Just thought I'd let you know only 6 months to go!


----------



## Marylou12 (Dec 11, 2011)

YAY!!!!! 
The Knit and Crochet Show this yr. is in Manchester, NH June 27-July1. I'm going. Classes start the 27th, shopping starts the 29th. Oh, happy days!


----------



## tenaj (Feb 22, 2011)

Please post the Rhinebeck info. I didn't know they had a show up there.


----------



## Barbara Ann (Mar 18, 2011)

http://www.sheepandwool.com/workshops/index.asp

http://www.sheepandwool.com/


----------



## tenaj (Feb 22, 2011)

Thank you. I'll check the site in May for the workshops.


----------



## I. Heart Knitting (Feb 18, 2011)

Did you have to post this? My head is going to start "spinning". Next I'll start dreaming about patterns and yarn (as if I ever stop). I deliberately stayed home today from a small local sheep and wool because I know what kind of damage I am capable of.... Just when I finally quieted my mind - this appears! Rhinebeck? I can taste it, smell it....... Wasn't it just yesterday? 6 Months? I better make a real dent in my stash between now and then. Ha, as if that makes a difference!


----------



## Barbara Ann (Mar 18, 2011)

I. Heart Knitting said:


> Did you have to post this? My head is going to start "spinning". Next I'll start dreaming about patterns and yarn (as if I ever stop). I deliberately stayed home today from a small local sheep and wool because I know what kind of damage I am capable of.... Just when I finally quieted my mind - this appears! Rhinebeck? I can taste it, smell it....... Wasn't it just yesterday? 6 Months? I better make a real dent in my stash between now and then. Ha, as if that makes a difference!


 :thumbup:  :thumbup:


----------



## mousepotato (May 30, 2011)

tenaj said:


> Thank you. I'll check the site in May for the workshops.
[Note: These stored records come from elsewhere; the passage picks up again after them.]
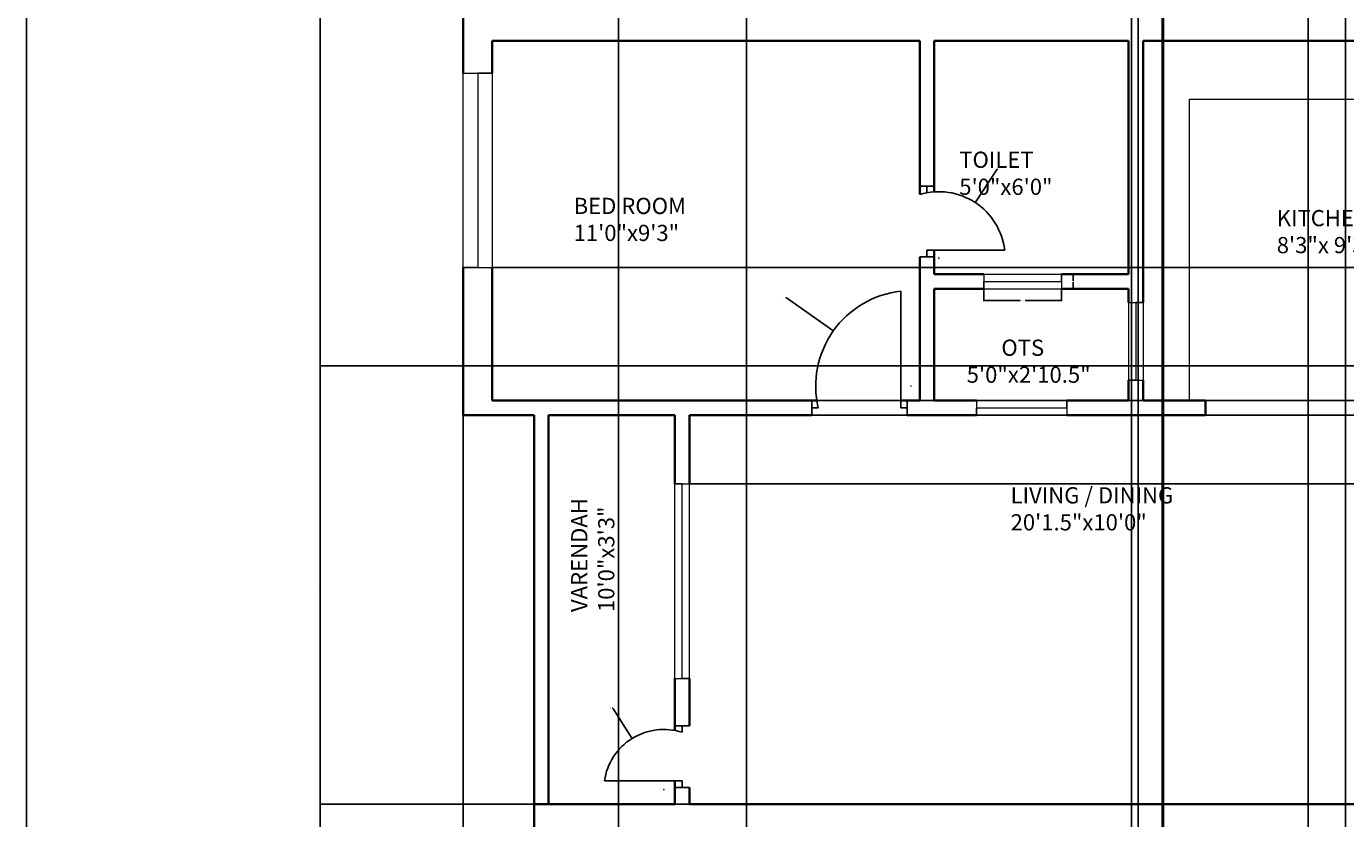
# Model space of a CAD drawing. Units: inches. Extents: x 1870 to 2611, y 1432 to 2511.
# Tile 3 of 5: x 1870 to 2277, y 1903 to 2147. Entities that reach past the tile are written whole.
import ezdxf

# ---------------------------------------------------------------- set-up
doc = ezdxf.new("R2010")
doc.units = ezdxf.units.IN
for name, color, linetype, lineweight in [('A-ANNO-DIMS', 2, 'Continuous', 18), ('A-ANNO-TTLB', 7, 'Continuous', 25), ('A-AREA-IDEN', 7, 'Continuous', 18), ('A-DOOR', 31, 'Continuous', 25), ('A-FLOR-FIXT', 8, 'Continuous', 18), ('A-GLAZ', 201, 'Continuous', 18), ('A-WALL', 7, 'Continuous', 35)]:
    doc.layers.add(name, color=color, linetype=linetype, lineweight=lineweight)
doc.styles.get("Standard").update_dxf_attribs({"font": 'arial.ttf'})
doc.dimstyles.get("Standard").update_dxf_attribs({"dimtxt": 0.18, "dimasz": 0.18, "dimexe": 0.18, "dimexo": 0.0625, "dimgap": 0.09, "dimtad": 0, "dimtih": 1, "dimtoh": 1, "dimdec": 4, "dimzin": 0, "dimdsep": 46, "dimtxsty": 'Standard', "dimcen": 0.09, "dimadec": 0, "dimazin": 0, "dimtfac": 1, "dimtdec": 4, "dimtofl": 0, "dimtmove": 0, "dimatfit": 3, "dimfxl": 1, "dimtolj": 1, "dimtzin": 0, "dimarcsym": 0})

# ---------------------------------------------------------------- blocks, each defined once
blk = doc.blocks.new('DOOR-LEAF-36-JAMB-4P5')
for p, q in [((36, 2), (0, 2)), ((33.75, 0), (38.25, 0)), ((36, 0), (36, 2)), ((38.25, 0), (36, 0))]:
    blk.add_line(p, q)
blk = doc.blocks.new('DOOR-LEAF-24-JAMB-4P5')
for p, q in [((2, 2.25), (2, 26.25)), ((0, 4.5), (0, 0)), ((0, 0), (0, 2.25)), ((0, 2.25), (2, 2.25))]:
    blk.add_line(p, q)
blk = doc.blocks.new('WIN-60-FRAME-9')
for p, q in [((0, 9), (0, 0)), ((60, 9), (0, 9)), ((60, 4.5), (60, 9)), ((60, 9), (60, 0)), ((0, 0), (0, 4.5)), ((0, 4.5), (60, 4.5)), ((0, 0), (60, 0))]:
    blk.add_line(p, q)
blk = doc.blocks.new('WIN-24-FRAME-4P5')
for p, q in [((0, 4.5), (0, 0)), ((0, 4.5), (24, 4.5)), ((24, 2.25), (24, 4.5)), ((24, 4.5), (24, 0)), ((0, 0), (0, 2.25)), ((0, 2.25), (24, 2.25)), ((0, 0), (24, 0))]:
    blk.add_line(p, q)
blk = doc.blocks.new('WIN-60-FRAME-4P5')
for p, q in [((0, 60), (4.5, 60)), ((0, 60), (0, 0)), ((4.5, 60), (2.25, 60)), ((2.25, 60), (2.25, 0)), ((4.5, 60), (4.5, 0)), ((2.25, 0), (0, 0)), ((0, 0), (4.5, 0))]:
    blk.add_line(p, q)
blk = doc.blocks.new('*D23')
at = {"layer": 'A-ANNO-DIMS', "color": 0, "lineweight": -2, "transparency": 16777216}
for p, q in [((2165.45, 2066.3), (2165.45, 2062.59)), ((2189.45, 2066.3), (2189.45, 2062.59)), ((2165.63, 2062.77), (2176.7, 2062.77)), ((2189.27, 2062.77), (2178.21, 2062.77))]:
    blk.add_line(p, q, dxfattribs=at)
at = {"layer": 'A-ANNO-DIMS', "color": 0, "transparency": 16777216}
for points in [[(2165.63, 2062.8), (2165.63, 2062.74), (2165.45, 2062.77)], [(2189.27, 2062.8), (2189.27, 2062.74), (2189.45, 2062.77)]]:
    blk.add_solid(points, dxfattribs=at)
at = {"layer": 'Defpoints', "color": 0, "transparency": 16777216}
for p in [(2165.45, 2066.37), (2189.45, 2066.37), (2189.45, 2062.77)]:
    blk.add_point(p, dxfattribs=at)
at = {"layer": 'A-ANNO-DIMS', "color": 0, "transparency": 16777216, "insert": (2177.45, 2062.77), "char_height": 0.18, "attachment_point": 5}
blk.add_mtext('\\A1;W4 24 TYP.', dxfattribs=at)
blk = doc.blocks.new('*D24')
at = {"layer": 'A-ANNO-DIMS', "color": 0, "lineweight": -2, "transparency": 16777216}
for p, q in [((2189.51, 2070.87), (2193.23, 2070.87)), ((2193.05, 2070.69), (2193.05, 2068.8)), ((2189.51, 2066.37), (2193.23, 2066.37)), ((2193.05, 2066.55), (2193.05, 2068.44))]:
    blk.add_line(p, q, dxfattribs=at)
at = {"layer": 'A-ANNO-DIMS', "color": 0, "transparency": 16777216}
for points in [[(2193.02, 2070.69), (2193.08, 2070.69), (2193.05, 2070.87)], [(2193.02, 2066.55), (2193.08, 2066.55), (2193.05, 2066.37)]]:
    blk.add_solid(points, dxfattribs=at)
at = {"layer": 'Defpoints', "color": 0, "transparency": 16777216}
for p in [(2189.45, 2070.87), (2193.05, 2070.87), (2189.45, 2066.37)]:
    blk.add_point(p, dxfattribs=at)
at = {"layer": 'A-ANNO-DIMS', "color": 0, "transparency": 16777216, "insert": (2193.05, 2068.62), "char_height": 0.18, "attachment_point": 5}
blk.add_mtext('\\A1;5 TYP.', dxfattribs=at)
blk = doc.blocks.new('*D28')
at = {"layer": 'A-ANNO-DIMS', "color": 0, "lineweight": -2, "transparency": 16777216}
for p, q in [((2004.57, 2151.87), (1960.31, 2151.87)), ((1960.49, 2151.69), (1960.49, 2029.8)), ((1960.49, 1907.55), (1960.49, 2029.44)), ((2026.46, 1907.37), (1960.31, 1907.37))]:
    blk.add_line(p, q, dxfattribs=at)
at = {"layer": 'A-ANNO-DIMS', "color": 0, "transparency": 16777216}
for points in [[(1960.46, 2151.69), (1960.52, 2151.69), (1960.49, 2151.87)], [(1960.46, 1907.55), (1960.52, 1907.55), (1960.49, 1907.37)]]:
    blk.add_solid(points, dxfattribs=at)
at = {"layer": 'Defpoints', "color": 0, "transparency": 16777216}
for p in [(2004.64, 2151.87), (1960.49, 1907.37), (2026.52, 1907.37)]:
    blk.add_point(p, dxfattribs=at)
at = {"layer": 'A-ANNO-DIMS', "color": 0, "transparency": 16777216, "insert": (1960.49, 2029.62), "char_height": 0.18, "attachment_point": 5}
blk.add_mtext('\\A1;244.5', dxfattribs=at)
blk = doc.blocks.new('*D29')
at = {"layer": 'A-ANNO-DIMS', "color": 0, "lineweight": -2, "transparency": 16777216}
for p, q in [((2026.46, 1907.37), (1960.31, 1907.37)), ((1960.49, 1907.19), (1960.49, 1774.05)), ((1960.49, 1640.55), (1960.49, 1773.69)), ((2026.46, 1640.37), (1960.31, 1640.37))]:
    blk.add_line(p, q, dxfattribs=at)
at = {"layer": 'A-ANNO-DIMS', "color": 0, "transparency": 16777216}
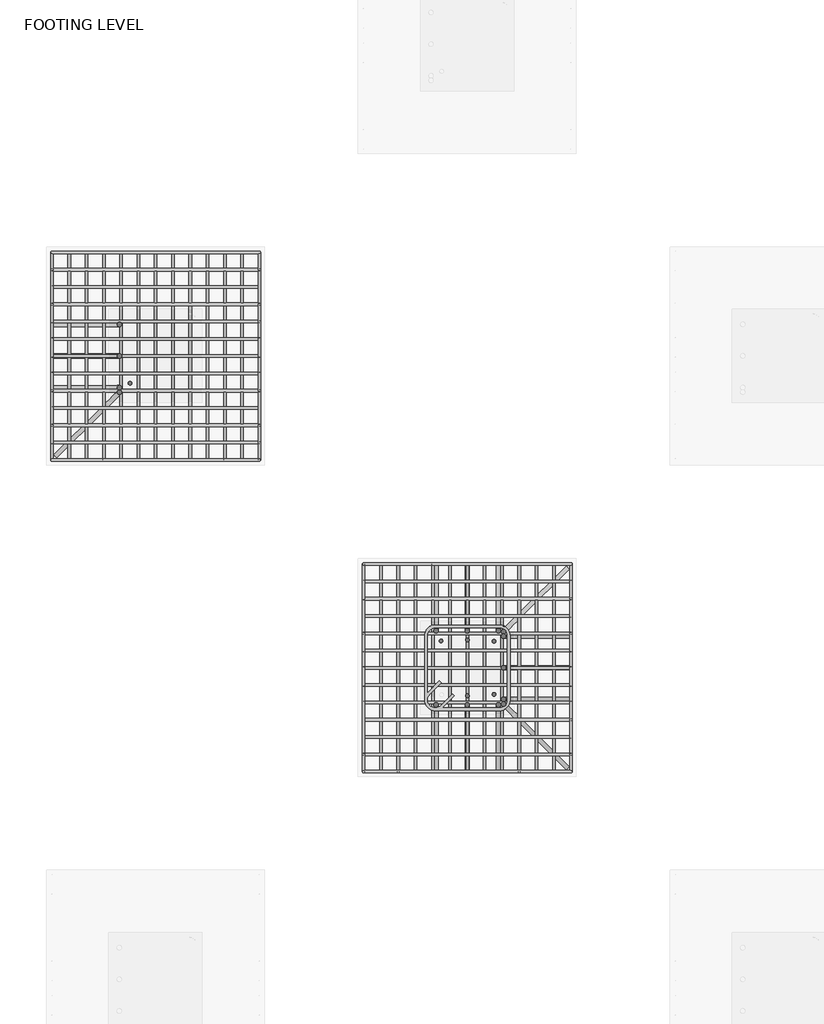
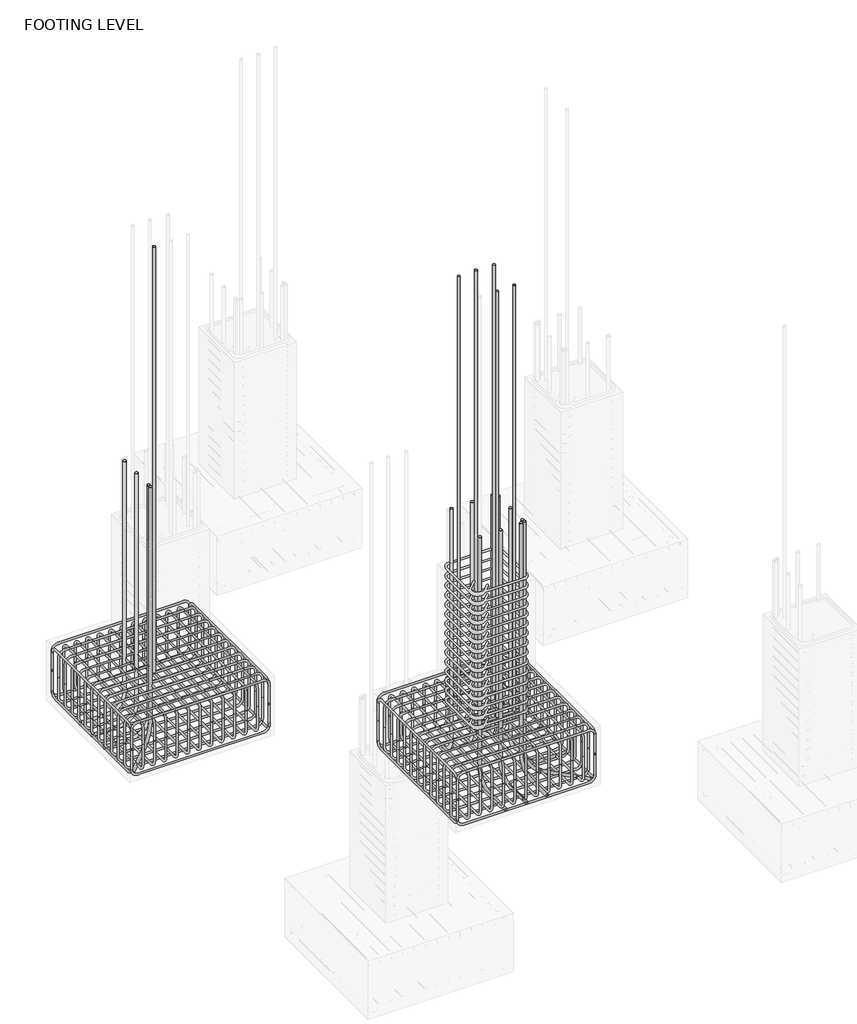
# One storey, part 4 of 10: 23 reinforcing bars.
"""IFC4 building model written with IfcOpenShell, lengths in millimetres."""

from ifc_helpers import new_model, si_unit, point, frame, origin, place, context, project, spatial, polyline, circle_curve, trimmed, segment, composite_curve, source, transform, mapped, element, save
from ifc_brep_helpers import swept_disk

model = new_model("IFC4")

# Units and contexts
model_context = context("Model", 3, world=origin())
ifc_project = project(units=[si_unit("LENGTHUNIT", "METRE", prefix="MILLI")], contexts=[model_context])

# Site, building, storey
site = spatial("IfcSite", under=ifc_project)
building = spatial("IfcBuilding", under=site)
storey = spatial("IfcBuildingStorey", under=building, Name="FOOTING LEVEL", Elevation=-2133.6)

# Reinforcing bars
placement = place(None, origin())
reinforcing_bar_shape = source(origin(), model_context, "Body", "SolidModel", [
    swept_disk(composite_curve([segment(polyline([(-11826.9269037, 6852.4829396, -2583.0), (-11826.9269037, 6852.4829396, -2905.1)]), True, "CONTINUOUS"), segment(trimmed(circle_curve(frame((-11917.1269037, 6852.4829396, -2905.1), z_axis=(0.0, 1.0, 0.0), x_axis=(90.20000000000073, 0.0, 0.0)), 90.2), [point((-11826.9269037, 6852.4829396, -2905.1))], [point((-11917.1269037, 6852.4829396, -2995.3))], True, "CARTESIAN"), True, "CONTINUOUS"), segment(polyline([(-11917.1269037, 6852.4829396, -2995.3), (-13764.9269037, 6852.4829396, -2995.3)]), True, "CONTINUOUS"), segment(trimmed(circle_curve(frame((-13764.9269037, 6852.4829396, -2905.1), z_axis=(0.0, 1.0, 0.0), x_axis=(0.0, 0.0, -90.20000000000027)), 90.2), [point((-13764.9269037, 6852.4829396, -2995.3))], [point((-13855.1269037, 6852.4829396, -2905.1))], True, "CARTESIAN"), True, "CONTINUOUS"), segment(polyline([(-13855.1269037, 6852.4829396, -2905.1), (-13855.1269037, 6852.4829396, -2583.0)]), True, "CONTINUOUS")], self_intersect=False), 12.7),
])
element("IfcReinforcingBar", 1, at=placement, inside=storey, context=model_context, shape_type="MappedRepresentation", body=[
    mapped(reinforcing_bar_shape, transform((0.0, 0.0, 0.0), x_axis=(1.0, 0.0, 0.0), y_axis=(0.0, 1.0, 0.0), z_axis=(0.0, 0.0, 1.0))),
    mapped(reinforcing_bar_shape, transform((0.0, -169.0166667, 0.0), x_axis=(1.0, 0.0, 0.0), y_axis=(0.0, 1.0, 0.0), z_axis=(0.0, 0.0, 1.0))),
    mapped(reinforcing_bar_shape, transform((0.0, -338.0333333, 0.0), x_axis=(1.0, 0.0, 0.0), y_axis=(0.0, 1.0, 0.0), z_axis=(0.0, 0.0, 1.0))),
    mapped(reinforcing_bar_shape, transform((0.0, -507.05, 0.0), x_axis=(1.0, 0.0, 0.0), y_axis=(0.0, 1.0, 0.0), z_axis=(0.0, 0.0, 1.0))),
    mapped(reinforcing_bar_shape, transform((0.0, -676.0666667, 0.0), x_axis=(1.0, 0.0, 0.0), y_axis=(0.0, 1.0, 0.0), z_axis=(0.0, 0.0, 1.0))),
    mapped(reinforcing_bar_shape, transform((0.0, -845.0833333, 0.0), x_axis=(1.0, 0.0, 0.0), y_axis=(0.0, 1.0, 0.0), z_axis=(0.0, 0.0, 1.0))),
    mapped(reinforcing_bar_shape, transform((0.0, -1014.1, 0.0), x_axis=(1.0, 0.0, 0.0), y_axis=(0.0, 1.0, 0.0), z_axis=(0.0, 0.0, 1.0))),
    mapped(reinforcing_bar_shape, transform((0.0, -1183.1166667, 0.0), x_axis=(1.0, 0.0, 0.0), y_axis=(0.0, 1.0, 0.0), z_axis=(0.0, 0.0, 1.0))),
    mapped(reinforcing_bar_shape, transform((0.0, -1352.1333333, 0.0), x_axis=(1.0, 0.0, 0.0), y_axis=(0.0, 1.0, 0.0), z_axis=(0.0, 0.0, 1.0))),
    mapped(reinforcing_bar_shape, transform((0.0, -1521.15, 0.0), x_axis=(1.0, 0.0, 0.0), y_axis=(0.0, 1.0, 0.0), z_axis=(0.0, 0.0, 1.0))),
    mapped(reinforcing_bar_shape, transform((0.0, -1690.1666667, 0.0), x_axis=(1.0, 0.0, 0.0), y_axis=(0.0, 1.0, 0.0), z_axis=(0.0, 0.0, 1.0))),
    mapped(reinforcing_bar_shape, transform((0.0, -1859.1833333, 0.0), x_axis=(1.0, 0.0, 0.0), y_axis=(0.0, 1.0, 0.0), z_axis=(0.0, 0.0, 1.0))),
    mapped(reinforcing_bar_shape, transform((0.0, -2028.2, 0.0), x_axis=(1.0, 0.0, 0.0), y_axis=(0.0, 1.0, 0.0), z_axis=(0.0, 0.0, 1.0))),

If you know which person to look at, I'm in that picture of the basket weavers on the workshop page. That was a fun day.


----------



## ToniJean (Jan 23, 2011)

I have already booked my motel room. My daughter and I are doing a road trip to visit family back east. First stop - Rhinebeck.


----------



## taznwinston (Feb 5, 2012)

ToniJean said:


> I have already booked my motel room. My daughter and I are doing a road trip to visit family back east. First stop - Rhinebeck.


Hey, where do you stay? A group of my knitting friends and I went in October by bus trip (from PA, it was the longest trip of my life) and we decided that in 2012 we would stay somewhere close and go both days, so we can spend twice as much money!!


----------



## taznwinston (Feb 5, 2012)

marylo12 said:


> YAY!!!!!
> The Knit and Crochet Show this yr. is in Manchester, NH June 27-July1. I'm going. Classes start the 27th, shopping starts the 29th. Oh, happy days!


Hi, can you post a link or some additional info on the knit/crochet show in Manchester. May be worth a "field trip" for me and my knitting buddies. Thanks


----------



## taznwinston (Feb 5, 2012)

Barbara Ann said:


> Just thought I'd let you know only 6 months to go!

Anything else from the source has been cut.